The functions supported in Athena queries correspond to those in Trino and Presto. For information about individual functions, see the functions and operators section in the Trino or Presto documentation.

Transactional data transformations are not supported

Athena does not support transaction-based operations (such as the ones found in Hive or Presto) on table data. For a full list of keywords not supported, see Unsupported DDL.

Operations that change table states are ACID

When you create, update, or delete tables, those operations are guaranteed ACID-compliant. For example, if multiple users or clients attempt to create or alter an existing table at the same time, only one will be successful.

Tables are EXTERNAL

Except when creating Iceberg tables, always use the EXTERNAL keyword.

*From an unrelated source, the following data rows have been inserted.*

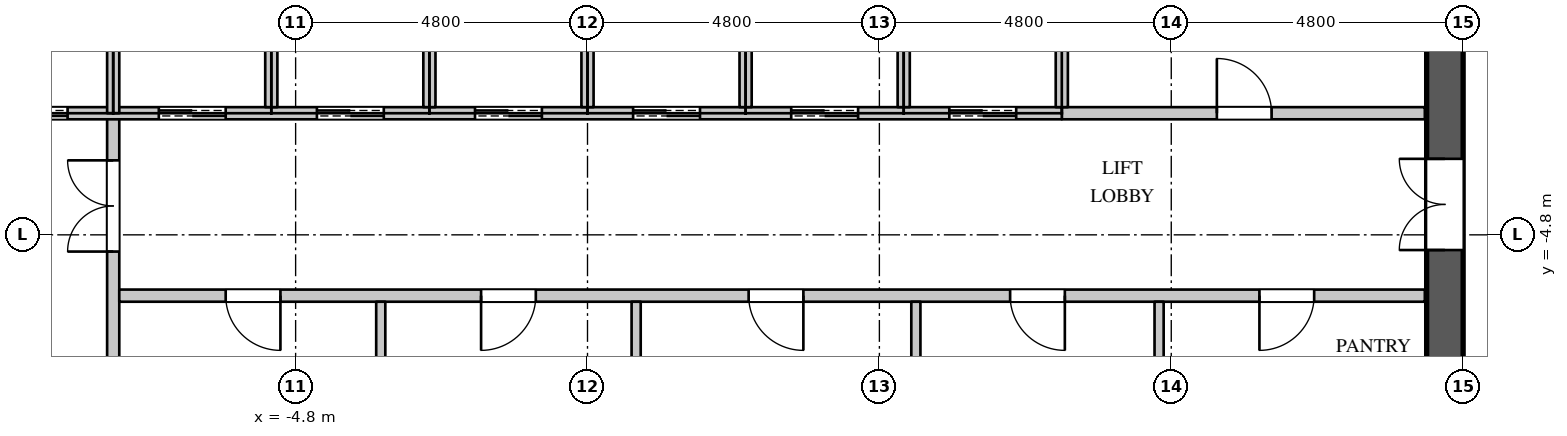
"""IFC4 building model, lengths in metres.
Left out: names, types, materials, properties, quantities, classifications, styles, units other than length and angle.
Written with IfcOpenShell. Run it as: python <this file> out.ifc"""

import sys

from ifc_helpers import new_model, si_unit, direction, frame, frame_2d, origin, place, context, subcontext, project, spatial, rectangle, extrude, element, fill, save


model = new_model("IFC4")
c1 = context("Model", 3, precision=1e-05, world=origin(), true_north=direction((0.0, 1.0)))
c2 = subcontext(c1, "Body", "Model", "MODEL_VIEW")
j1 = project(units=[si_unit("LENGTHUNIT", "METRE"), si_unit("PLANEANGLEUNIT", "RADIAN")], contexts=[c1])
p1 = place(None, origin())
s1 = spatial("IfcSite", under=j1, at=p1, CompositionType="ELEMENT")
p2 = place(p1, origin())
s2 = spatial("IfcBuilding", under=s1, at=p2, CompositionType="ELEMENT")
p3 = place(p2, frame((0.0, 0.0, 218.1)))
s3 = spatial("IfcBuildingStorey", under=s2, at=p3, CompositionType="ELEMENT", Elevation=218.1)
p4 = place(p3, frame((14.1, -11.4, 0.0), z_axis=(0.0, 0.0, 1.0), x_axis=(0.0, 1.0, 0.0)))
e1 = element("IfcWall", 1, at=p4, inside=s3, PredefinedType="SHEAR", context=c2, shape_type="SweptSolid", body=[
    extrude(rectangle(XDim=22.8, YDim=0.6, at=frame_2d((11.4, 0.0))), origin(), (0.0, 0.0, 1.0), 4.2),
])
p5 = place(p4, frame((20.45, 0.0, 0.0)))
e2 = element("IfcOpeningElement", 2, at=p5, cuts=e1, PredefinedType="OPENING", context=c2, shape_type="SweptSolid", body=[
    extrude(rectangle(XDim=1.1, YDim=2.2, at=frame_2d((0.55, 1.1))), frame((0.0, 0.31, 0.0), z_axis=(0.0, -1.0, 0.0), x_axis=(1.0, 0.0, 0.0)), (0.0, 0.0, 1.0), 0.62),
])
p6 = place(p4, frame((1.25, 0.0, 0.0)))
e3 = element("IfcOpeningElement", 3, at=p6, cuts=e1, PredefinedType="OPENING", context=c2, shape_type="SweptSolid", body=[
    extrude(rectangle(XDim=1.1, YDim=2.2, at=frame_2d((0.55, 1.1))), frame((0.0, 0.31, 0.0), z_axis=(0.0, -1.0, 0.0), x_axis=(1.0, 0.0, 0.0)), (0.0, 0.0, 1.0), 0.62),
])
p7 = place(p4, frame((14.95, 0.0, 0.0)))
e4 = element("IfcOpeningElement", 4, at=p7, cuts=e1, PredefinedType="OPENING", context=c2, shape_type="SweptSolid", body=[
    extrude(rectangle(XDim=1.5, YDim=2.4, at=frame_2d((0.75, 1.2))), frame((0.0, 0.31, 0.0), z_axis=(0.0, -1.0, 0.0), x_axis=(1.0, 0.0, 0.0)), (0.0, 0.0, 1.0), 0.62),
])
p8 = place(p4, frame((6.35, 0.0, 0.0)))
e5 = element("IfcOpeningElement", 5, at=p8, cuts=e1, PredefinedType="OPENING", context=c2, shape_type="SweptSolid", body=[
    extrude(rectangle(XDim=1.5, YDim=2.4, at=frame_2d((0.75, 1.2))), frame((0.0, 0.31, 0.0), z_axis=(0.0, -1.0, 0.0), x_axis=(1.0, 0.0, 0.0)), (0.0, 0.0, 1.0), 0.62),
])
p9 = place(p3, frame((-7.8, -8.075, 0.0), z_axis=(0.0, 0.0, 1.0), x_axis=(0.0, 1.0, 0.0)))
e6 = element("IfcWall", 6, at=p9, inside=s3, PredefinedType="PARTITIONING", context=c2, shape_type="SweptSolid", body=[
    extrude(rectangle(XDim=5.275, YDim=0.2, at=frame_2d((2.637, 0.0))), origin(), (0.0, 0.0, 1.0), 3.95),
])
p10 = place(p9, frame((3.0, 0.0, 0.0)))
e7 = element("IfcOpeningElement", 7, at=p10, cuts=e6, PredefinedType="OPENING", context=c2, shape_type="SweptSolid", body=[
    extrude(rectangle(XDim=1.5, YDim=2.4, at=frame_2d((0.75, 1.2))), frame((0.0, 0.11, 0.0), z_axis=(0.0, -1.0, 0.0), x_axis=(1.0, 0.0, 0.0)), (0.0, 0.0, 1.0), 0.22),
])
p11 = place(p3, frame((-7.7, -5.8, 0.0), z_axis=(0.0, 0.0, 1.0), x_axis=(1.0, 0.0, 0.0)))
e8 = element("IfcWall", 8, at=p11, inside=s3, PredefinedType="PARTITIONING", context=c2, shape_type="SweptSolid", body=[
    extrude(rectangle(XDim=21.47, YDim=0.2, at=frame_2d((10.735, 0.0))), origin(), (0.0, 0.0, 1.0), 3.95),
])
p12 = place(p11, frame((1.75, 0.0, 0.0)))
e9 = element("IfcOpeningElement", 9, at=p12, cuts=e8, PredefinedType="OPENING", context=c2, shape_type="SweptSolid", body=[
    extrude(rectangle(XDim=0.9, YDim=2.2, at=frame_2d((0.45, 1.1))), frame((0.0, 0.11, 0.0), z_axis=(0.0, -1.0, 0.0), x_axis=(1.0, 0.0, 0.0)), (0.0, 0.0, 1.0), 0.22),
])
p13 = place(p11, frame((5.95, 0.0, 0.0)))
e10 = element("IfcOpeningElement", 10, at=p13, cuts=e8, PredefinedType="OPENING", context=c2, shape_type="SweptSolid", body=[
    extrude(rectangle(XDim=0.9, YDim=2.2, at=frame_2d((0.45, 1.1))), frame((0.0, 0.11, 0.0), z_axis=(0.0, -1.0, 0.0), x_axis=(1.0, 0.0, 0.0)), (0.0, 0.0, 1.0), 0.22),
])
p14 = place(p11, frame((10.35, 0.0, 0.0)))
e11 = element("IfcOpeningElement", 11, at=p14, cuts=e8, PredefinedType="OPENING", context=c2, shape_type="SweptSolid", body=[
    extrude(rectangle(XDim=0.9, YDim=2.2, at=frame_2d((0.45, 1.1))), frame((0.0, 0.11, 0.0), z_axis=(0.0, -1.0, 0.0), x_axis=(1.0, 0.0, 0.0)), (0.0, 0.0, 1.0), 0.22),
])
p15 = place(p11, frame((14.65, 0.0, 0.0)))
e12 = element("IfcOpeningElement", 12, at=p15, cuts=e8, PredefinedType="OPENING", context=c2, shape_type="SweptSolid", body=[
    extrude(rectangle(XDim=0.9, YDim=2.2, at=frame_2d((0.45, 1.1))), frame((0.0, 0.11, 0.0), z_axis=(0.0, -1.0, 0.0), x_axis=(1.0, 0.0, 0.0)), (0.0, 0.0, 1.0), 0.22),
])
p16 = place(p11, frame((18.75, 0.0, 0.0)))
e13 = element("IfcOpeningElement", 13, at=p16, cuts=e8, PredefinedType="OPENING", context=c2, shape_type="SweptSolid", body=[
    extrude(rectangle(XDim=0.9, YDim=2.2, at=frame_2d((0.45, 1.1))), frame((0.0, 0.11, 0.0), z_axis=(0.0, -1.0, 0.0), x_axis=(1.0, 0.0, 0.0)), (0.0, 0.0, 1.0), 0.22),
])
for number, where, z_axis, x_axis in (
    (14, (-3.4, -11.37, 0.0), (0.0, 0.0, 1.0), (0.0, 1.0, 0.0)),
    (15, (0.8, -11.37, 0.0), (0.0, 0.0, 1.0), (0.0, 1.0, 0.0)),
):
    element("IfcWall", number, at=place(p3, frame(where, z_axis=z_axis, x_axis=x_axis)), inside=s3, PredefinedType="PARTITIONING", context=c2, shape_type="SweptSolid", body=[
        extrude(rectangle(XDim=5.47, YDim=0.15, at=frame_2d((2.735, 0.0))), origin(), (0.0, 0.0, 1.0), 3.95),
    ])
p17 = place(p3, frame((5.4, -8.2, 0.0), z_axis=(0.0, 0.0, 1.0), x_axis=(0.0, 1.0, 0.0)))
e16 = element("IfcWall", 16, at=p17, inside=s3, PredefinedType="PARTITIONING", context=c2, shape_type="SweptSolid", body=[
    extrude(rectangle(XDim=2.3, YDim=0.15, at=frame_2d((1.15, 0.0))), origin(), (0.0, 0.0, 1.0), 3.95),
])
p18 = place(p3, frame((9.4, -8.075, 0.0), z_axis=(0.0, 0.0, 1.0), x_axis=(0.0, 1.0, 0.0)))
e17 = element("IfcWall", 17, at=p18, inside=s3, PredefinedType="PARTITIONING", context=c2, shape_type="SweptSolid", body=[
    extrude(rectangle(XDim=2.175, YDim=0.15, at=frame_2d((1.087, 0.0))), origin(), (0.0, 0.0, 1.0), 3.95),
])
p19 = place(p3, frame((7.8, -2.8, 0.0), z_axis=(0.0, 0.0, 1.0), x_axis=(1.0, 0.0, 0.0)))
e18 = element("IfcWall", 18, at=p19, inside=s3, PredefinedType="PARTITIONING", context=c2, shape_type="SweptSolid", body=[
    extrude(rectangle(XDim=5.97, YDim=0.2, at=frame_2d((2.985, 0.0))), origin(), (0.0, 0.0, 1.0), 3.95),
])
p20 = place(p19, frame((2.55, 0.0, 0.0)))
e19 = element("IfcOpeningElement", 19, at=p20, cuts=e18, PredefinedType="OPENING", context=c2, shape_type="SweptSolid", body=[
    extrude(rectangle(XDim=0.9, YDim=2.2, at=frame_2d((0.45, 1.1))), frame((0.0, 0.11, 0.0), z_axis=(0.0, -1.0, 0.0), x_axis=(1.0, 0.0, 0.0)), (0.0, 0.0, 1.0), 0.22),
])
p21 = place(p3, frame((-10.4, -2.8, 0.0), z_axis=(0.0, 0.0, 1.0), x_axis=(1.0, 0.0, 0.0)))
e20 = element("IfcWall", 20, at=p21, inside=s3, PredefinedType="PARTITIONING", context=c2, shape_type="SweptSolid", body=[
    extrude(rectangle(XDim=18.2, YDim=0.2, at=frame_2d((9.1, 0.0))), origin(), (0.0, 0.0, 1.0), 3.95),
])
p22 = place(p21, frame((0.75, 0.0, 0.0)))
e21 = element("IfcOpeningElement", 21, at=p22, cuts=e20, PredefinedType="OPENING", context=c2, shape_type="SweptSolid", body=[
    extrude(rectangle(XDim=1.1, YDim=2.2, at=frame_2d((0.55, 1.1))), frame((0.0, 0.11, 0.0), z_axis=(0.0, -1.0, 0.0), x_axis=(1.0, 0.0, 0.0)), (0.0, 0.0, 1.0), 0.22),
])
p23 = place(p21, frame((3.35, 0.0, 0.0)))
e22 = element("IfcOpeningElement", 22, at=p23, cuts=e20, PredefinedType="OPENING", context=c2, shape_type="SweptSolid", body=[
    extrude(rectangle(XDim=1.1, YDim=2.2, at=frame_2d((0.55, 1.1))), frame((0.0, 0.11, 0.0), z_axis=(0.0, -1.0, 0.0), x_axis=(1.0, 0.0, 0.0)), (0.0, 0.0, 1.0), 0.22),
])
p24 = place(p21, frame((5.95, 0.0, 0.0)))
e23 = element("IfcOpeningElement", 23, at=p24, cuts=e20, PredefinedType="OPENING", context=c2, shape_type="SweptSolid", body=[
    extrude(rectangle(XDim=1.1, YDim=2.2, at=frame_2d((0.55, 1.1))), frame((0.0, 0.11, 0.0), z_axis=(0.0, -1.0, 0.0), x_axis=(1.0, 0.0, 0.0)), (0.0, 0.0, 1.0), 0.22),
])
p25 = place(p21, frame((8.55, 0.0, 0.0)))
e24 = element("IfcOpeningElement", 24, at=p25, cuts=e20, PredefinedType="OPENING", context=c2, shape_type="SweptSolid", body=[
    extrude(rectangle(XDim=1.1, YDim=2.2, at=frame_2d((0.55, 1.1))), frame((0.0, 0.11, 0.0), z_axis=(0.0, -1.0, 0.0), x_axis=(1.0, 0.0, 0.0)), (0.0, 0.0, 1.0), 0.22),
])
p26 = place(p21, frame((11.15, 0.0, 0.0)))
e25 = element("IfcOpeningElement", 25, at=p26, cuts=e20, PredefinedType="OPENING", context=c2, shape_type="SweptSolid", body=[
    extrude(rectangle(XDim=1.1, YDim=2.2, at=frame_2d((0.55, 1.1))), frame((0.0, 0.11, 0.0), z_axis=(0.0, -1.0, 0.0), x_axis=(1.0, 0.0, 0.0)), (0.0, 0.0, 1.0), 0.22),
])
p27 = place(p21, frame((13.75, 0.0, 0.0)))
e26 = element("IfcOpeningElement", 26, at=p27, cuts=e20, PredefinedType="OPENING", context=c2, shape_type="SweptSolid", body=[
    extrude(rectangle(XDim=1.1, YDim=2.2, at=frame_2d((0.55, 1.1))), frame((0.0, 0.11, 0.0), z_axis=(0.0, -1.0, 0.0), x_axis=(1.0, 0.0, 0.0)), (0.0, 0.0, 1.0), 0.22),
])
p28 = place(p21, frame((16.35, 0.0, 0.0)))
e27 = element("IfcOpeningElement", 27, at=p28, cuts=e20, PredefinedType="OPENING", context=c2, shape_type="SweptSolid", body=[
    extrude(rectangle(XDim=1.1, YDim=2.2, at=frame_2d((0.55, 1.1))), frame((0.0, 0.11, 0.0), z_axis=(0.0, -1.0, 0.0), x_axis=(1.0, 0.0, 0.0)), (0.0, 0.0, 1.0), 0.22),
])
p29 = place(p3, frame((-7.8, -2.8, 0.0), z_axis=(0.0, 0.0, 1.0), x_axis=(0.0, 1.0, 0.0)))
e28 = element("IfcWall", 28, at=p29, inside=s3, PredefinedType="PARTITIONING", context=c2, shape_type="SweptSolid", body=[
    extrude(rectangle(XDim=2.8, YDim=0.2, at=frame_2d((1.4, 0.0))), origin(), (0.0, 0.0, 1.0), 3.95),
])
for number, where, z_axis, x_axis in (
    (29, (-5.2, -2.7, 0.0), (0.0, 0.0, 1.0), (0.0, 1.0, 0.0)),
    (30, (-2.6, -2.7, 0.0), (0.0, 0.0, 1.0), (0.0, 1.0, 0.0)),
    (31, (0.0, -2.7, 0.0), (0.0, 0.0, 1.0), (0.0, 1.0, 0.0)),
    (32, (2.6, -2.7, 0.0), (0.0, 0.0, 1.0), (0.0, 1.0, 0.0)),
    (33, (5.2, -2.7, 0.0), (0.0, 0.0, 1.0), (0.0, 1.0, 0.0)),
    (34, (7.8, -2.7, 0.0), (0.0, 0.0, 1.0), (0.0, 1.0, 0.0)),
):
    element("IfcWall", number, at=place(p3, frame(where, z_axis=z_axis, x_axis=x_axis)), inside=s3, PredefinedType="PARTITIONING", context=c2, shape_type="SweptSolid", body=[
        extrude(rectangle(XDim=2.6, YDim=0.2, at=frame_2d((1.3, 0.0))), origin(), (0.0, 0.0, 1.0), 3.95),
    ])
p30 = place(p20, origin())
e35 = element("IfcDoor", 35, at=p30, inside=s3, OperationType="SINGLE_SWING_LEFT", PredefinedType="DOOR", context=c2, shape_type="SweptSolid", body=[
    extrude(rectangle(XDim=0.9, YDim=2.2, at=frame_2d((0.45, 1.1))), frame((0.0, 0.025, 0.0), z_axis=(0.0, -1.0, 0.0), x_axis=(1.0, 0.0, 0.0)), (0.0, 0.0, 1.0), 0.05),
])
fill(e19, e35)
p31 = place(p12, origin())
e36 = element("IfcDoor", 36, at=p31, inside=s3, OperationType="SINGLE_SWING_LEFT", PredefinedType="DOOR", context=c2, shape_type="SweptSolid", body=[
    extrude(rectangle(XDim=0.9, YDim=2.2, at=frame_2d((0.45, 1.1))), frame((0.0, 0.025, 0.0), z_axis=(0.0, -1.0, 0.0), x_axis=(1.0, 0.0, 0.0)), (0.0, 0.0, 1.0), 0.05),
])
fill(e9, e36)
p32 = place(p13, origin())
e37 = element("IfcDoor", 37, at=p32, inside=s3, OperationType="SINGLE_SWING_RIGHT", PredefinedType="DOOR", context=c2, shape_type="SweptSolid", body=[
    extrude(rectangle(XDim=0.9, YDim=2.2, at=frame_2d((0.45, 1.1))), frame((0.0, 0.025, 0.0), z_axis=(0.0, -1.0, 0.0), x_axis=(1.0, 0.0, 0.0)), (0.0, 0.0, 1.0), 0.05),
])
fill(e10, e37)
p33 = place(p14, origin())
e38 = element("IfcDoor", 38, at=p33, inside=s3, OperationType="SINGLE_SWING_LEFT", PredefinedType="DOOR", context=c2, shape_type="SweptSolid", body=[
    extrude(rectangle(XDim=0.9, YDim=2.2, at=frame_2d((0.45, 1.1))), frame((0.0, 0.025, 0.0), z_axis=(0.0, -1.0, 0.0), x_axis=(1.0, 0.0, 0.0)), (0.0, 0.0, 1.0), 0.05),
])
fill(e11, e38)
p34 = place(p15, origin())
e39 = element("IfcDoor", 39, at=p34, inside=s3, OperationType="SINGLE_SWING_LEFT", PredefinedType="DOOR", context=c2, shape_type="SweptSolid", body=[
    extrude(rectangle(XDim=0.9, YDim=2.2, at=frame_2d((0.45, 1.1))), frame((0.0, 0.025, 0.0), z_axis=(0.0, -1.0, 0.0), x_axis=(1.0, 0.0, 0.0)), (0.0, 0.0, 1.0), 0.05),
])
fill(e12, e39)
p35 = place(p16, origin())
e40 = element("IfcDoor", 40, at=p35, inside=s3, OperationType="SINGLE_SWING_RIGHT", PredefinedType="DOOR", context=c2, shape_type="SweptSolid", body=[
    extrude(rectangle(XDim=0.9, YDim=2.2, at=frame_2d((0.45, 1.1))), frame((0.0, 0.025, 0.0), z_axis=(0.0, -1.0, 0.0), x_axis=(1.0, 0.0, 0.0)), (0.0, 0.0, 1.0), 0.05),
])
fill(e13, e40)
p36 = place(p22, origin())
e41 = element("IfcDoor", 41, at=p36, inside=s3, OperationType="DOUBLE_DOOR_SLIDING", PredefinedType="DOOR", context=c2, shape_type="SweptSolid", body=[
    extrude(rectangle(XDim=1.1, YDim=2.2, at=frame_2d((0.55, 1.1))), frame((0.0, 0.025, 0.0), z_axis=(0.0, -1.0, 0.0), x_axis=(1.0, 0.0, 0.0)), (0.0, 0.0, 1.0), 0.05),
])
fill(e21, e41)
p37 = place(p23, origin())
e42 = element("IfcDoor", 42, at=p37, inside=s3, OperationType="DOUBLE_DOOR_SLIDING", PredefinedType="DOOR", context=c2, shape_type="SweptSolid", body=[
    extrude(rectangle(XDim=1.1, YDim=2.2, at=frame_2d((0.55, 1.1))), frame((0.0, 0.025, 0.0), z_axis=(0.0, -1.0, 0.0), x_axis=(1.0, 0.0, 0.0)), (0.0, 0.0, 1.0), 0.05),
])
fill(e22, e42)
p38 = place(p24, origin())
e43 = element("IfcDoor", 43, at=p38, inside=s3, OperationType="DOUBLE_DOOR_SLIDING", PredefinedType="DOOR", context=c2, shape_type="SweptSolid", body=[
    extrude(rectangle(XDim=1.1, YDim=2.2, at=frame_2d((0.55, 1.1))), frame((0.0, 0.025, 0.0), z_axis=(0.0, -1.0, 0.0), x_axis=(1.0, 0.0, 0.0)), (0.0, 0.0, 1.0), 0.05),
])
fill(e23, e43)
p39 = place(p25, origin())
e44 = element("IfcDoor", 44, at=p39, inside=s3, OperationType="DOUBLE_DOOR_SLIDING", PredefinedType="DOOR", context=c2, shape_type="SweptSolid", body=[
    extrude(rectangle(XDim=1.1, YDim=2.2, at=frame_2d((0.55, 1.1))), frame((0.0, 0.025, 0.0), z_axis=(0.0, -1.0, 0.0), x_axis=(1.0, 0.0, 0.0)), (0.0, 0.0, 1.0), 0.05),
])
fill(e24, e44)
p40 = place(p26, origin())
e45 = element("IfcDoor", 45, at=p40, inside=s3, OperationType="DOUBLE_DOOR_SLIDING", PredefinedType="DOOR", context=c2, shape_type="SweptSolid", body=[
    extrude(rectangle(XDim=1.1, YDim=2.2, at=frame_2d((0.55, 1.1))), frame((0.0, 0.025, 0.0), z_axis=(0.0, -1.0, 0.0), x_axis=(1.0, 0.0, 0.0)), (0.0, 0.0, 1.0), 0.05),
])
fill(e25, e45)
p41 = place(p27, origin())
e46 = element("IfcDoor", 46, at=p41, inside=s3, OperationType="DOUBLE_DOOR_SLIDING", PredefinedType="DOOR", context=c2, shape_type="SweptSolid", body=[
    extrude(rectangle(XDim=1.1, YDim=2.2, at=frame_2d((0.55, 1.1))), frame((0.0, 0.025, 0.0), z_axis=(0.0, -1.0, 0.0), x_axis=(1.0, 0.0, 0.0)), (0.0, 0.0, 1.0), 0.05),
])
fill(e26, e46)
p42 = place(p28, origin())
e47 = element("IfcDoor", 47, at=p42, inside=s3, OperationType="DOUBLE_DOOR_SLIDING", PredefinedType="DOOR", context=c2, shape_type="SweptSolid", body=[
    extrude(rectangle(XDim=1.1, YDim=2.2, at=frame_2d((0.55, 1.1))), frame((0.0, 0.025, 0.0), z_axis=(0.0, -1.0, 0.0), x_axis=(1.0, 0.0, 0.0)), (0.0, 0.0, 1.0), 0.05),
])
fill(e27, e47)
p43 = place(p10, origin())
e48 = element("IfcDoor", 48, at=p43, inside=s3, OperationType="DOUBLE_DOOR_SINGLE_SWING", PredefinedType="DOOR", context=c2, shape_type="SweptSolid", body=[
    extrude(rectangle(XDim=1.5, YDim=2.4, at=frame_2d((0.75, 1.2))), frame((0.0, 0.025, 0.0), z_axis=(0.0, -1.0, 0.0), x_axis=(1.0, 0.0, 0.0)), (0.0, 0.0, 1.0), 0.05),
])
fill(e7, e48)
p44 = place(p8, origin())
e49 = element("IfcDoor", 49, at=p44, inside=s3, OperationType="DOUBLE_DOOR_SINGLE_SWING", PredefinedType="DOOR", context=c2, shape_type="SweptSolid", body=[
    extrude(rectangle(XDim=1.5, YDim=2.4, at=frame_2d((0.75, 1.2))), frame((0.0, 0.295, 0.0), z_axis=(0.0, -1.0, 0.0), x_axis=(1.0, 0.0, 0.0)), (0.0, 0.0, 1.0), 0.05),
])
fill(e5, e49)
save(model, sys.argv[1])

If you use CREATE TABLE without the EXTERNAL keyword for non-Iceberg tables, Athena issues an error. When you drop a table in Athena, only the table metadata is removed; the data remains in Amazon S3.

Creating tables using AWS Glue or the Athena console

You can create tables in Athena by using AWS Glue, the add table form, or by running a DDL statement in the Athena query editor.

To create a table using the AWS Glue crawler

  1. Open the Athena console at https://console.aws.amazon.com/athena/.

  2. In the query editor, next to Tables and views, choose Create, and then choose AWS Glue crawler.

  3. Follow the steps on the Add crawler page of the AWS Glue console to add a crawler.

    For more information, see Using AWS Glue crawlers.

To create a table using the Athena create table form

  1. Open the Athena console at https://console.aws.amazon.com/athena/.

  2. In the query editor, next to Tables and views, choose Create, and then choose S3 bucket data.

  3. In the Create Table From S3 bucket data form, enter the information to create your table, and then choose Create table. For more information about the fields in the form, see Adding a table using a form.

To create a table using Hive DDL

  1. From the Database menu, choose the database for which you want to create a table. If you don't specify a database in your CREATE TABLE statement, the table is created in the database that is currently selected in the query editor.

  2. Enter a statement like the following in the query editor, and then choose Run, or press Ctrl+ENTER.

    CREATE EXTERNAL TABLE IF NOT EXISTS cloudfront_logs ( `Date` Date, Time STRING, Location STRING, Bytes INT, RequestIP STRING, Method STRING, Host STRING, Uri STRING, Status INT, Referrer STRING, OS String, Browser String, BrowserVersion String ) ROW FORMAT SERDE 'org.apache.hadoop.hive.serde2.RegexSerDe' WITH SERDEPROPERTIES ( "input.regex" = "^(?!#)([^ ]+)\\s+([^ ]+)\\s+([^ ]+)\\s+([^ ]+)\\s+([^ ]+)\\s+([^ ]+)\\s+([^ ]+)\\s+([^ ]+)\\s+([^ ]+)\\s+([^ ]+)\\s+[^\(]+[\(]([^\;]+).*\%20([^\/]+)[\/](.*)$" ) LOCATION 's3://athena-examples-MyRegion/cloudfront/plaintext/';

Showing table information

After you have created a table in Athena, its name displays in the Tables list on the left. To show information about the table and manage it, choose the vertical three dots next to the table name in the Athena console.

  • Preview table – Shows the first 10 rows of all columns by running the SELECT * FROM "database_name"."table_name" LIMIT 10 statement in the Athena query editor.

  • Generate table DDL – Generates a DDL statement that you can use to re-create the table by running the SHOW CREATE TABLE table_name statement in the Athena query editor.

  • Load partitions – Runs the MSCK REPAIR TABLE table_name statement in the Athena query editor. This option is available only if the table has partitions.

  • Insert into editor – Inserts the name of the table into the query editor at the current editing location.

  • Delete table – Displays a confirmation dialog box asking if you want to delete the table. If you agree, runs the DROP TABLE table_name statement in the Athena query editor.

  • Table properties – Shows the table name, database name, time created, and whether the table has encrypted data.